July 29, 1985|JENNINGS PARROTT

--Bad-mouthing General Motors in "the dimple of the universe"--as William Jennings Bryan once dubbed Spring Hill, Tenn.--gets about the same reaction as whistling "Yankee Doodle" would on Robert E. Lee's birthday. "If a man don't want the plant, he should leave," lifelong resident John Lee told a GM critic over lunch at the Cedar Inn cafe. The tiny town of Spring Hill, population 1,200, has emerged the winner in an intense bidding war by three dozen states for GM's $3.5-billion state-of-the-art Saturn automobile plant. Spring Hill does have a claim to fame, though. Author Peter Jenkins, who wrote "Walk Across America" and "The Walk West," adopted Spring Hill as his home several years ago. "It's really ironic," he said. "I walked across America, visited foreign lands, and--for a lot of reasons--chose Spring Hill as the best place in the world to live." Jenkins said he has mixed emotions about GM possibly building the world's largest industrial development practically in his backyard. The author and his wife, Barbara, bought and restored a century-old farmhouse, intending to spend the rest of their lives in the ambiance that attracted them to Spring Hill.

--F. Murray Abraham, who won an Oscar as best actor for his portrayal of the villainous composer Antonio Salieri in the film "Amadeus," will become a professor of acting next month at Brooklyn College. Abraham says Brooklyn, his hometown, across the East River from Manhattan, "is emerging as a center for the arts."

--About 300 word experts from 16 to 76 years old studied dictionaries, played with anagrams and nervously awaited their turns in the first day of the Fourth International Scrabble Tournament in Boston. Fondly watching the first of 22 rounds of play in the four-day tournament was 86-year-old Alfred M. Butts, who created the word game more than 50 years ago when he used a jigsaw to cut out little squares of plywood and lettered them. But this is more than a game.
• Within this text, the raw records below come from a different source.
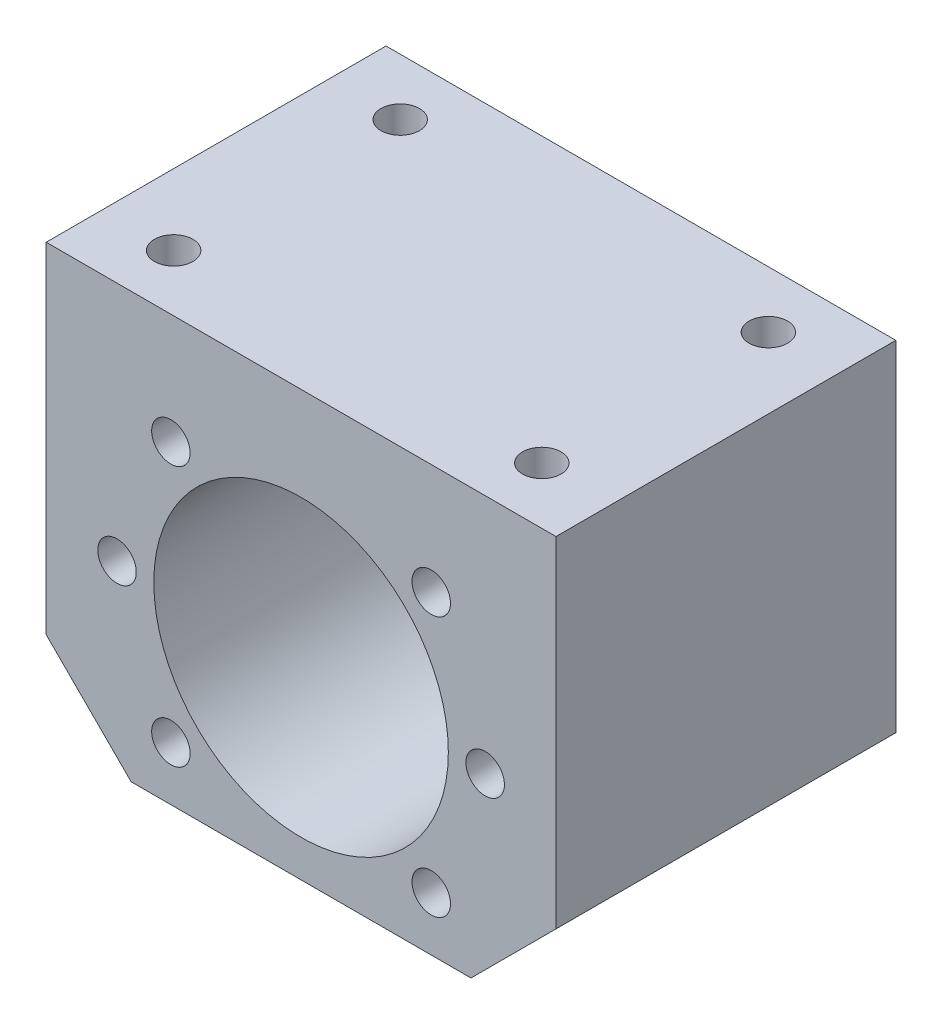
from build123d import *

# Parameters (mm, degrees)
SKETCH_1_W             = 90
SKETCH_1_H             = 75
SKETCH_1_R             = 26
EXTRUDE_1_DEPTH        = 30
HOLE_WIZARD_M8_1_D     = 6.8
HOLE_WIZARD_M8_1_DEPTH = 19.75
HOLE_WIZARD_M8_1_TIP   = 2.042926105
CHAMFER_1_SIZE         = 15
HOLE_WIZARD_M8_2_D     = 6.8
HOLE_WIZARD_M8_2_DEPTH = 19.75
HOLE_WIZARD_M8_2_TIP   = 2.042926105


with BuildPart() as part:
    # 草图1 → 凸台-拉伸1 (new, symmetric)
    with BuildSketch(Plane.XY):
        with Locations((0, 5)):
            Rectangle(SKETCH_1_W, SKETCH_1_H)
        Circle(SKETCH_1_R, mode=Mode.SUBTRACT)
    extrude(amount=EXTRUDE_1_DEPTH, both=True)

    # M8 螺纹孔1
    with Locations(Plane(origin=(-32.5, 0, 30), x_dir=(1, 0, 0), z_dir=(0, 0, 1))):
        with Locations((0, 0), (9.519029611, 22.980970389), (9.519029611, -22.980970389), (55.480970389, -22.980970389), (65, 0), (55.480970389, 22.980970389)):
            Hole(HOLE_WIZARD_M8_1_D / 2, depth=HOLE_WIZARD_M8_1_DEPTH)
            with Locations((0, 0, -(HOLE_WIZARD_M8_1_DEPTH + HOLE_WIZARD_M8_1_TIP / 2))):  # 118° drill point
                Cone(0, HOLE_WIZARD_M8_1_D / 2, HOLE_WIZARD_M8_1_TIP, mode=Mode.SUBTRACT)

    # 倒角1
    chamfer_1_edges = [part.edges().sort_by_distance(p)[0] for p in [
        (45, -32.5, 0),
        (-45, -32.5, 0),
    ]]
    chamfer(chamfer_1_edges, length=CHAMFER_1_SIZE)

    # M8 螺纹孔2
    with Locations(Plane(origin=(32.5, 42.5, -20), x_dir=(1, 0, 0), z_dir=(0, 1, 0))):
        with Locations((0, 0), (0, -40), (-65, -40), (-65, 0)):
            Hole(HOLE_WIZARD_M8_2_D / 2, depth=HOLE_WIZARD_M8_2_DEPTH)
            with Locations((0, 0, -(HOLE_WIZARD_M8_2_DEPTH + HOLE_WIZARD_M8_2_TIP / 2))):  # 118° drill point
                Cone(0, HOLE_WIZARD_M8_2_D / 2, HOLE_WIZARD_M8_2_TIP, mode=Mode.SUBTRACT)


solid = part.part
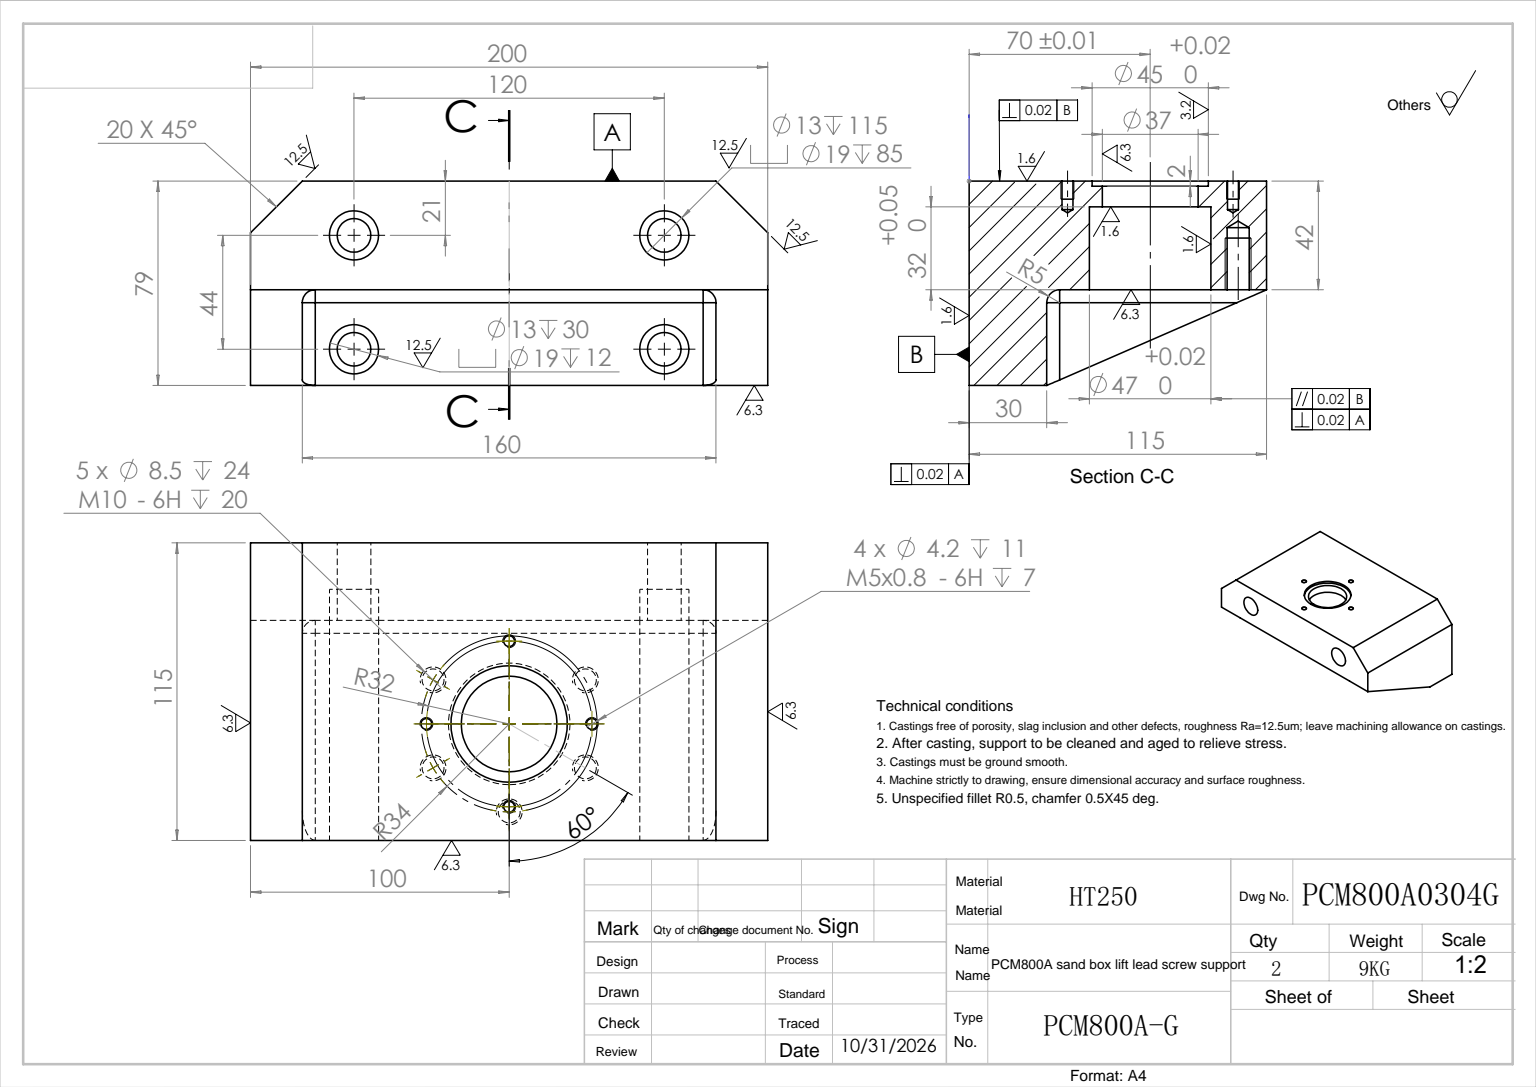
SolidWorks part; units mm, degrees
ref_plane "前视基准面" through (0, 0, 0) normal (0, 0, 1) x (1, 0, 0)
ref_plane "上视基准面" through (0, 0, 0) normal (0, 1, 0) x (1, 0, 0)
ref_plane "右视基准面" through (0, 0, 0) normal (1, 0, 0) x (0, 0, -1)
sketch "草图1" plane through (0, 0, 0) normal (0, 0, 1) x (1, 0, 0)
  line L0 (80, 0) -> (-80, 0)
  line L1 (-80, 0) -> (-100, -20)
  line L2 (-100, -20) -> (-100, -42)
  line L3 (-100, -42) -> (100, -42)
  line L4 (0, 0) -> (0, -99.4201) construction
  line L5 (100, -20) -> (100, -42)
  line L6 (80, 0) -> (100, -20)
  point P8 (0, -42)
  dimension "D1" = 80
  dimension "D2" = 100
  dimension "D3" = 42
extrude "拉伸1" add sketch "草图1" along normal blind 115
sketch "草图2" plane through (0, 0, 0) normal (0, 0, 1) x (1, 0, 0)
  line L1 (-100, -42) -> (100, -42)
  line L2 (-100, -42) -> (-100, -79)
  line L3 (-100, -79) -> (100, -79)
  line L4 (100, -42) -> (100, -79)
  dimension "D1" = 37
  dimension "D2" = 200
extrude "拉伸2" add sketch "草图2" along normal blind 30
sketch "草图3" plane through (-100, 0, 0) normal (-1, 0, 0) x (0, 0, 1)
  line L0 (30, -79) -> (30, -42)
  line L1 (30, -42) -> (115, -42)
  line L2 (115, -42) -> (30, -79)
  line L3 (30, -79) -> (30.1902, -80.1907)
  line M3 (30, -79) -> (30, -42)
  line M4 (30, -42) -> (115, -42)
extrude "拉伸3" add sketch "草图3" against normal blind 20 contours L2 M4 M3
mirror "镜向1" about plane through (0, 0, 0) normal (1, 0, 0) of "拉伸3"
sketch "草图4" plane through (0, 0, 0) normal (0, 1, 0) x (1, 0, 0)
  line L0 (0, 0) -> (0, -115) construction
  line L1 (80, -115) -> (-80, -115) construction
  line L2 (-80, -70) -> (77.4671, -70) construction
  line L3 (-80, -115) -> (-80, 0) construction
  line L4 (80, 0) -> (-80, 0) construction
  circle A0 centre (0, -70) radius 22.5
  dimension "D1" = 70
extrude "切除-拉伸1" cut sketch "草图4" against normal blind 2
sketch "草图5" plane through (0, -2, 0) normal (0, 1, 0) x (1, 0, 0)
  circle A0 centre (0, -70) radius 18.5
extrude "切除-拉伸2" cut sketch "草图5" against normal blind 8
sketch "草图6" plane through (0, -10, 0) normal (0, 1, 0) x (1, 0, 0)
  circle A0 centre (0, -70) radius 23.5
extrude "切除-拉伸3" cut sketch "草图6" against normal up to next
sketch "草图7" plane through (0, 0, 115) normal (0, 0, 1) x (1, 0, 0)
  line L0 (-97.6106, -21) -> (86.4674, -21) construction
  line L1 (-60, -4.6416) -> (-60, -38.7142) construction
  line L2 (60, 0) -> (60, -41.0715) construction
  line L3 (80, 0) -> (-80, 0) construction
  line L4 (100, -42) -> (100, -20) construction
  circle A0 centre (60, -21) radius 9.5
  circle A1 centre (-60, -21) radius 9.5
  point P8 (100, -31)
  dimension "D1" = 21
  dimension "D2" = 120
  dimension "D3" = 40
extrude "切除-拉伸4" cut sketch "草图7" against normal blind 85
sketch "草图8" plane through (0, 0, 30) normal (0, 0, 1) x (1, 0, 0)
  circle A0 centre (-60, -21) radius 6.5
  circle A1 centre (60, -21) radius 6.5
extrude "切除-拉伸5" cut sketch "草图8" against normal through all
sketch "草图9" plane through (0, -42, 0) normal (0, -1, 0) x (1, 0, 0)
  line L0 (0, 70) -> (-45.0727, 96.0227) construction
  line L1 (0, 70) -> (57.5733, 103.24) construction
  line L2 (0, 70) -> (-44.9871, 44.0267) construction
  line L3 (0, 70) -> (46.1729, 43.3421) construction
  line L4 (0, 70) -> (0, 106.5) construction
  circle A0 centre (0, 70) radius 34 construction
  circle A1 centre (0, 104) radius 2.5
  circle A2 centre (29.4449, 87) radius 2.5
  circle A3 centre (29.4449, 53) radius 2.5
  circle A4 centre (-29.4449, 87) radius 2.5
  circle A5 centre (-29.4449, 53) radius 2.5
  dimension "D1" = 60
  dimension "D5" = 5
  dimension "D6" = 5
  dimension "D7" = 5
  dimension "D8" = 5
  dimension "D9" = 5
  dimension "D2" = 60
  dimension "D3" = 60
  dimension "D4" = 60
extrude "切除-拉伸6" cut sketch "草图9" against normal blind 10
fillet "圆角1" radius 5 5 edges at (-80, -60.5, 30) (80, -60.5, 30) (80, -42, 72.5) (-80, -42, 72.5)
sketch "草图10" plane through (0, 0, 0) normal (0, 1, 0) x (1, 0, 0)
  circle A0 centre (0, -70) radius 32 construction
  circle A1 centre (0, -38) radius 1
  circle A2 centre (32, -70) radius 1
  circle A3 centre (0, -102) radius 1
  circle A4 centre (-32, -70) radius 1
  dimension "D1" = 2
  dimension "D2" = 2
  dimension "D3" = 2
  dimension "D4" = 2
extrude "切除-拉伸7" cut sketch "草图10" against normal blind 5
hole_wizard "M5x0.8 螺纹孔1" positions "草图12" profile "草图11" tap size "M5x0.8" standard "Ansi Metric"
sketch "草图12" plane through (0, 0, 0) normal (0, 1, 0) x (-1, 0, 0)
  point P0 (0, 38)
  point P1 (-32, 70)
  point P3 (0, 102)
  point P5 (32, 70)
sketch "草图11" plane through (0, 0, 38) normal (1, 0, 0) x (0, 0, 1)
  line L0 (0, 0) -> (0, 12.2618)
  line L1 (0, 12.2618) -> (2.1, 11)
  line L2 (2.1, 11) -> (2.1, 0)
  line L5 (2.1, 0) -> (0, 0)
  line L10 (0, 12.2618) -> (-2.1, 11) construction
  line L11 (0, -6.35) -> (0, 107.95) construction
  dimension "螺纹孔钻头直径" = 4.2
  dimension "螺纹孔钻头深度" = 11
  dimension "导头角度" = 118
cosmetic thread "孔螺蚊线1" parameters "D1"=7, "D2"=5
cosmetic thread "孔螺蚊线2" parameters "D1"=7, "D2"=5
cosmetic thread "孔螺蚊线3" parameters "D1"=7, "D2"=5
cosmetic thread "孔螺蚊线4" parameters "D1"=7, "D2"=5
hole_wizard "M10 螺纹孔1" positions "草图14" profile "草图13" tap size "M10" standard "GB"
sketch "草图14" plane through (0, -42, 0) normal (0, -1, 0) x (1, 0, 0)
  point P0 (29.4449, 53)
  point P1 (29.4449, 87)
  point P3 (0, 104)
  point P5 (-29.4449, 87)
  point P7 (-29.4449, 53)
sketch "草图13" plane through (29.4449, -42, 53) normal (1, 0, 0) x (0, 0, -1)
  line L0 (0, 0) -> (0, 26.5537)
  line L1 (0, 26.5537) -> (4.25, 24)
  line L2 (4.25, 24) -> (4.25, 0)
  line L5 (4.25, 0) -> (0, 0)
  line L10 (0, 26.5537) -> (-4.25, 24) construction
  line L11 (0, -6.35) -> (0, 107.95) construction
  dimension "螺纹孔钻头直径" = 8.5
  dimension "螺纹孔钻头深度" = 24
  dimension "导头角度" = 118
cosmetic thread "孔螺蚊线5" parameters "D1"=20, "D2"=10
cosmetic thread "孔螺蚊线6" parameters "D1"=20, "D2"=10
cosmetic thread "孔螺蚊线7" parameters "D1"=20, "D2"=10
cosmetic thread "孔螺蚊线8" parameters "D1"=20, "D2"=10
cosmetic thread "孔螺蚊线9" parameters "D1"=20, "D2"=10
sketch "草图15" plane through (0, 0, 30) normal (0, 0, 1) x (1, 0, 0)
  line L0 (-60, -21) -> (-60, -106.69) construction
  circle A0 centre (-60, -65) radius 6.5
  circle A1 centre (60, -65) radius 6.5
  dimension "D1" = 13
  dimension "D2" = 13
  dimension "D3" = 120
  dimension "D4" = 44
extrude "切除-拉伸8" cut sketch "草图15" against normal blind 55
sketch "草图16" plane through (0, 0, 30) normal (0, 0, 1) x (1, 0, 0)
  circle A0 centre (-60, -65) radius 9.5
  circle A1 centre (60, -65) radius 9.5
  dimension "D1" = 19
  dimension "D2" = 19
extrude "切除-拉伸9" cut sketch "草图16" against normal blind 12

The players are vying for a $50,000-prize package that includes a grand prize of $10,000 in cash and a trip for two to Hawaii. "I'm nervous," said Althea Huber, 51, an interior designer from Woodland Hills, Calif. "I got up and swam for 30 minutes this morning to use up some of my nervous energy."

--At the end of every performance of "Sugar Babies," Mickey Rooney invites audience members over age 40 to help stamp out loneliness by writing for information about his newly formed FFF Club. The initials stand for Fun-Filled Family, said Rooney, who starred in the vaudeville revue in Omaha last week. Rooney, who will be 65 in September, said he created the FFF (PO Box 9292, North Hollywood, Calif.) to battle "a disease we all suffer from," he said. "It's called lonesomeness."